Many common nouns, such as artifacts like "hat" or "tower", typically serve as dependents rather than clearly evoking their own frames.
Details for a specific lexical unit can be obtained using this class's lus() function, which takes an optional regular expression pattern that will be matched against the name of the lexical unit:
>>> from pprint import pprint >>> from nltk.corpus import framenet as fn >>> len(fn.lus()) 11829 >>> pprint(fn.lus(r'(?i)a little')) [<lu ID=14744 name=a little bit.adv>, <lu ID=14733 name=a little.n>, ...]
You can obtain detailed information on a particular LU by calling the lu() function and passing in an LU's 'ID' number:
>>> from pprint import pprint >>> from nltk.corpus import framenet as fn >>> fn.lu(256).name 'foresee.v' >>> fn.lu(256).definition 'COD: be aware of beforehand; predict.' >>> fn.lu(256).frame.name 'Expectation' >>> fn.lu(256).lexemes[0].name 'foresee'
Note that LU names take the form of a dotted string (e.g. "run.v" or "a little.adv") in which a lemma preceeds the "." and a part of speech (POS) follows the dot. The lemma may be composed of a single lexeme (e.g. "run") or of multiple lexemes (e.g. "a little"). The list of POSs used in the LUs is:
v - verb n - noun a - adjective adv - adverb prep - preposition num - numbers intj - interjection art - article c - conjunction scon - subordinating conjunction
For more detailed information about the info that is contained in the dict that is returned by the lu() function, see the documentation on the lu() function.

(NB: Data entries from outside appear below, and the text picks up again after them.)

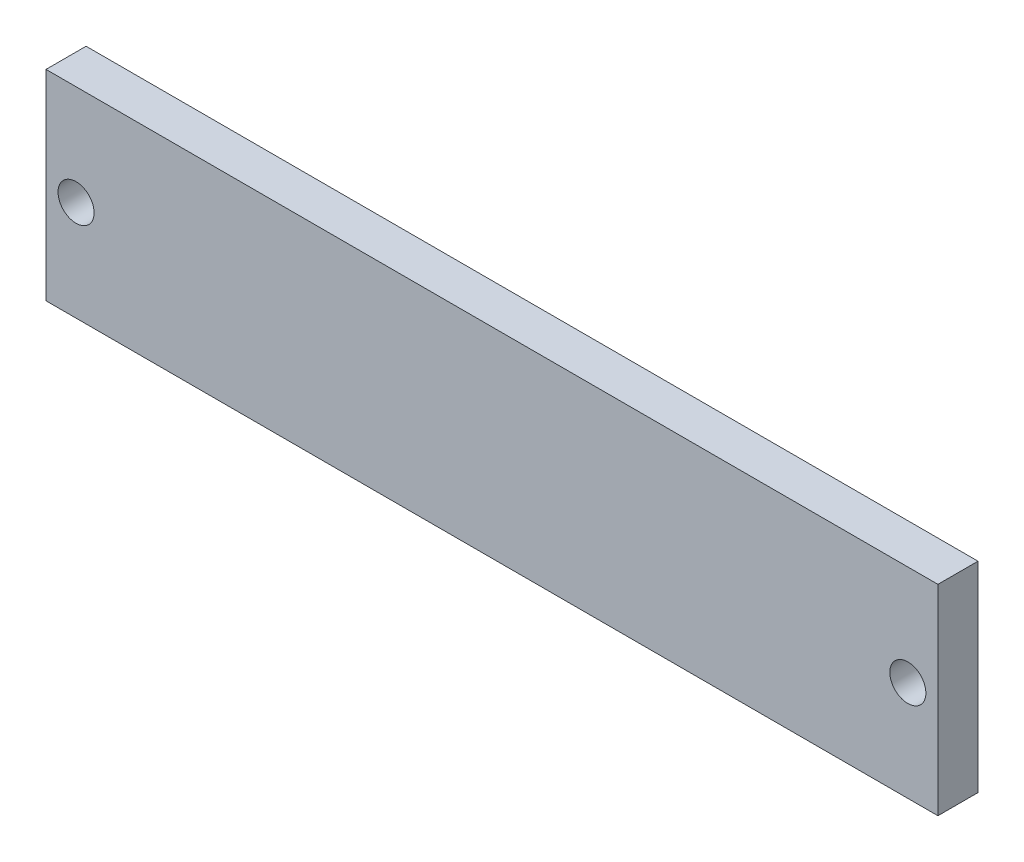
SolidWorks part; units mm, degrees
material "Q235"
ref_plane "Front Plane" through (0, 0, 0) normal (0, 0, 1) x (1, 0, 0)
ref_plane "Top Plane" through (0, 0, 0) normal (0, 1, 0) x (1, 0, 0)
ref_plane "Right Plane" through (0, 0, 0) normal (1, 0, 0) x (0, 0, -1)
sketch "Sketch1" plane through (0, 0, 0) normal (0, 0, 1) x (1, 0, 0)
  line L0 (0, 50) -> (445, 50) construction
  line L1 (0, 0) -> (445, 0)
  line L2 (0, 0) -> (0, 100)
  line L3 (0, 100) -> (445, 100)
  line L4 (445, 0) -> (445, 100)
  line L5 (222.5, 100) -> (222.5, 0) construction
  circle A0 centre (15, 50) radius 9
  circle A1 centre (430, 50) radius 9
  dimension "D3" = 18
  dimension "D4" = 415
  dimension "D1" = 445
  dimension "D2" = 100
extrude "Boss-Extrude1" add sketch "Sketch1" along normal blind 20
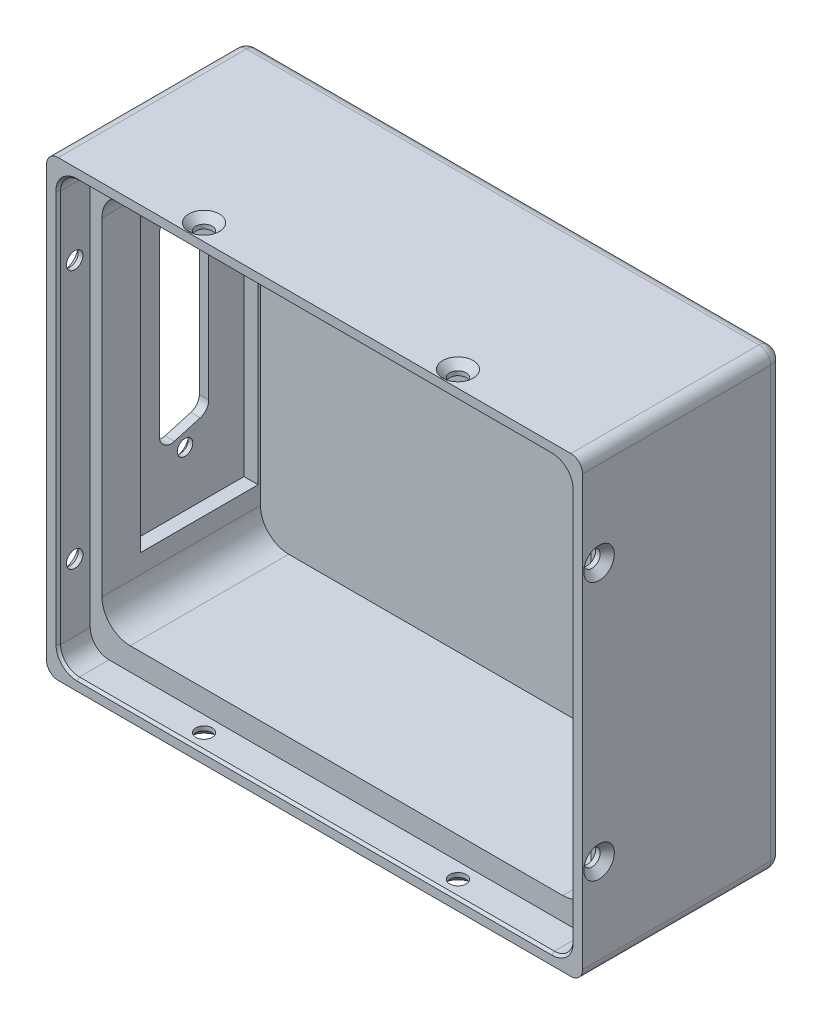
SolidWorks part; units mm, degrees
material "6061 合金"
ref_plane "前视基准面" through (0, 0, 0) normal (0, 0, 1) x (1, 0, 0)
ref_plane "上视基准面" through (0, 0, 0) normal (0, 1, 0) x (1, 0, 0)
ref_plane "右视基准面" through (0, 0, 0) normal (1, 0, 0) x (0, 0, -1)
sketch "草图1" plane through (0, 0, 0) normal (0, 0, 1) x (1, 0, 0)
  line L1 (-57, 48.15) -> (57, 48.15)
  line L2 (-57, 48.15) -> (-57, -48.15)
  line L3 (-57, -48.15) -> (57, -48.15)
  line L4 (57, 48.15) -> (57, -48.15)
  dimension "D1" = 96.3
  dimension "D2" = 114
  dimension "D3" = 57
  dimension "D4" = 48.15
extrude "拉伸1" add sketch "草图1" along normal blind 42.5
sketch "草图2" plane through (0, 0, 42.5) normal (0, 0, 1) x (1, 0, 0)
  line L1 (-52, 40.9) -> (52, 40.9)
  line L2 (-52, 40.9) -> (-52, -40.9)
  line L3 (-52, -40.9) -> (52, -40.9)
  line L4 (52, 40.9) -> (52, -40.9)
  dimension "D1" = 81.8
  dimension "D2" = 40.9
  dimension "D3" = 104
  dimension "D4" = 52
extrude "切除-拉伸1" cut sketch "草图2" against normal blind 40.5
sketch "草图3" plane through (0, 0, 42.5) normal (0, 0, 1) x (1, 0, 0)
  line L1 (-54.5, 45.75) -> (54.5, 45.75)
  line L2 (-54.5, 45.75) -> (-54.5, -45.75)
  line L3 (-54.5, -45.75) -> (54.5, -45.75)
  line L4 (54.5, 45.75) -> (54.5, -45.75)
  dimension "D1" = 91.5
  dimension "D2" = 109
  dimension "D3" = 54.5
  dimension "D4" = 45.75
extrude "切除-拉伸2" cut sketch "草图3" against normal blind 6.8
fillet "圆角1" radius 2.5 8 edges at (0, -48.15, 0) (-57, 0, 0) (57, 0, 0) (0, 48.15, 0) (57, 48.15, 21.25) (57, -48.15, 21.25) (-57, -48.15, 21.25) (-57, 48.15, 21.25)
fillet "圆角2" radius 4 4 edges at (54.5, 45.75, 39.1) (-54.5, 45.75, 39.1) (-54.5, -45.75, 39.1) (54.5, -45.75, 39.1)
fillet "圆角3" radius 6 4 edges at (-52, 40.9, 18.85) (-52, -40.9, 18.85) (52, 40.9, 18.85) (52, -40.9, 18.85)
hole_wizard "孔1" positions "3D草图1" profile "草图5" legacy
sketch3d "3D草图1"
  line L0 (54.5, 48.15, 42.5) -> (-54.5, 48.15, 42.5) construction
  point P0 (27, 48.15, 39)
  point P2 (16.4782, 48.15, 42.5)
  dimension "D1" = 3.5
sketch "草图5" plane through (27, 48.15, 39) normal (1, 0, 0) x (0, 0, 1)
  line L0 (0, 0) -> (0, 10)
  line L1 (0, 10) -> (1.75, 10)
  line L2 (1.75, 10) -> (1.75, 1.5)
  line L3 (1.75, 1.5) -> (3.25, 0)
  line L4 (3.25, 0) -> (0, 0)
  line L5 (0, -6.4453) -> (0, 115.525) construction
  line L6 (-1.75, 1.5) -> (-3.25, 0) construction
  dimension "眻噤" = 3.5
  dimension "旮僅" = 10
  dimension "袪諧褒僅" = 90
  dimension "袪諧眻噤" = 6.5
pattern_linear "阵列(线性)1" count 2 spacing 54 along (-1, 0, 0) of "孔1"
mirror "镜向1" about plane through (0, 0, 0) normal (0, 1, 0) of "孔1", "阵列(线性)1"
hole_wizard "孔2" positions "3D草图2" profile "草图6" legacy
sketch3d "3D草图2"
  line L0 (-57, 45.65, 42.5) -> (-57, -45.65, 42.5) construction
  point P0 (-57, 27.5, 39)
  dimension "D1" = 3.5
sketch "草图6" plane through (-57, 27.5, 39) normal (0, 1, 0) x (0, 0, 1)
  line L0 (0, 0) -> (0, 10)
  line L1 (0, 10) -> (1.75, 10)
  line L2 (1.75, 10) -> (1.75, 1.5)
  line L3 (1.75, 1.5) -> (3.25, 0)
  line L4 (3.25, 0) -> (0, 0)
  line L5 (0, -6.4453) -> (0, 115.525) construction
  line L6 (-1.75, 1.5) -> (-3.25, 0) construction
  dimension "眻噤" = 3.5
  dimension "旮僅" = 10
  dimension "袪諧褒僅" = 90
  dimension "袪諧眻噤" = 6.5
pattern_linear "阵列(线性)2" count 2 spacing 55 along (0, -1, 0) of "孔2"
mirror "镜向2" about plane through (0, 0, 0) normal (1, 0, 0) of "孔2", "阵列(线性)2"
sketch "草图7" plane through (-57, 0, 0) normal (-1, 0, 0) x (0, 0, 1)
  line L0 (10, 23.15) -> (10, -14.85)
  line L1 (10, -14.85) -> (20.5, -17.85)
  line L2 (20.5, -17.85) -> (20.5, 26.15)
  line L3 (20.5, 26.15) -> (10, 23.15)
  line L4 (0, -45.65) -> (0, 45.65) construction
  line L5 (2.5, 48.15) -> (42.5, 48.15) construction
  dimension "D1" = 10
  dimension "D2" = 10.5
  dimension "D3" = 44
  dimension "D4" = 38
  dimension "D5" = 22
extrude "切除-拉伸3" cut sketch "草图7" against normal blind 6.8
fillet "圆角4" radius 2.5 4 edges at (-54.5, -17.85, 20.5) (-54.5, -14.85, 10) (-54.5, 26.15, 20.5) (-54.5, 23.15, 10)
sketch "草图8" plane through (-52, 0, 0) normal (1, 0, 0) x (0, 0, -1)
  line L0 (-42.5, 48.15) -> (-2.5, 48.15) construction
  line L1 (-27.5, 39.15) -> (-2.5, 39.15)
  line L2 (-27.5, 39.15) -> (-27.5, -30.85)
  line L3 (-27.5, -30.85) -> (-2.5, -30.85)
  line L4 (-2.5, 39.15) -> (-2.5, -30.85)
  line L5 (0, 45.65) -> (0, -45.65) construction
  dimension "D1" = 70
  dimension "D2" = 25
  dimension "D3" = 9
  dimension "D4" = 2.5
extrude "切除-拉伸4" cut sketch "草图8" against normal mid plane 6
hole_wizard "孔3" positions "3D草图3" profile "草图9" legacy
sketch3d "3D草图3"
  line L0 (-54.5, -45.65, 0) -> (-54.5, 45.65, 0) construction
  line L1 (-54.5, 48.15, 2.5) -> (-54.5, 48.15, 42.5) construction
  point P0 (-57, 27.803, 15.0437)
  dimension "D1" = 15.25
  dimension "D2" = 20.5
sketch "草图9" plane through (-57, 27.803, 15.0437) normal (0, 1, 0) x (0, 0, 1)
  line L0 (0, 0) -> (0, 10)
  line L1 (0, 10) -> (1.65, 10)
  line L2 (1.65, 10) -> (1.65, 1)
  line L3 (1.65, 1) -> (2.75, 1)
  line L4 (2.75, 1) -> (2.75, 0)
  line L5 (2.75, 0) -> (0, 0)
  line L6 (0, 110) -> (0, -10) construction
  dimension "眻噤" = 3.3
  dimension "旮僅" = 10
  dimension "翐諧眻噤" = 5.5
  dimension "翐諧旮僅" = 1
pattern_linear "阵列(线性)3" count 2 spacing 47 along (0, -1, 0) of "孔3"
chamfer "倒角1" distance 0.5 angle 45 8 edges at (-53.3284, 44.5784, 42.5) (-54.5, 0, 42.5) (-53.3284, -44.5784, 42.5) (0, -45.75, 42.5) (53.3284, -44.5784, 42.5) (54.5, 0, 42.5) (53.3284, 44.5784, 42.5) (0, 45.75, 42.5)

The FrameNet corpus contains a small set of annotated documents. A list of these documents can be obtained by calling the documents() function:
>>> from pprint import pprint >>> from nltk.corpus import framenet as fn >>> docs = fn.documents() >>> len(docs) 78 >>> pprint(sorted(docs[0].keys())) ['ID', 'corpid', 'corpname', 'description', 'filename']
Detailed information about each sentence contained in each document can be obtained by calling the annotated_document() function and supplying the 'ID' number of the document. For detailed information about the info that is for each document, see the documentation on the annotated_document() function.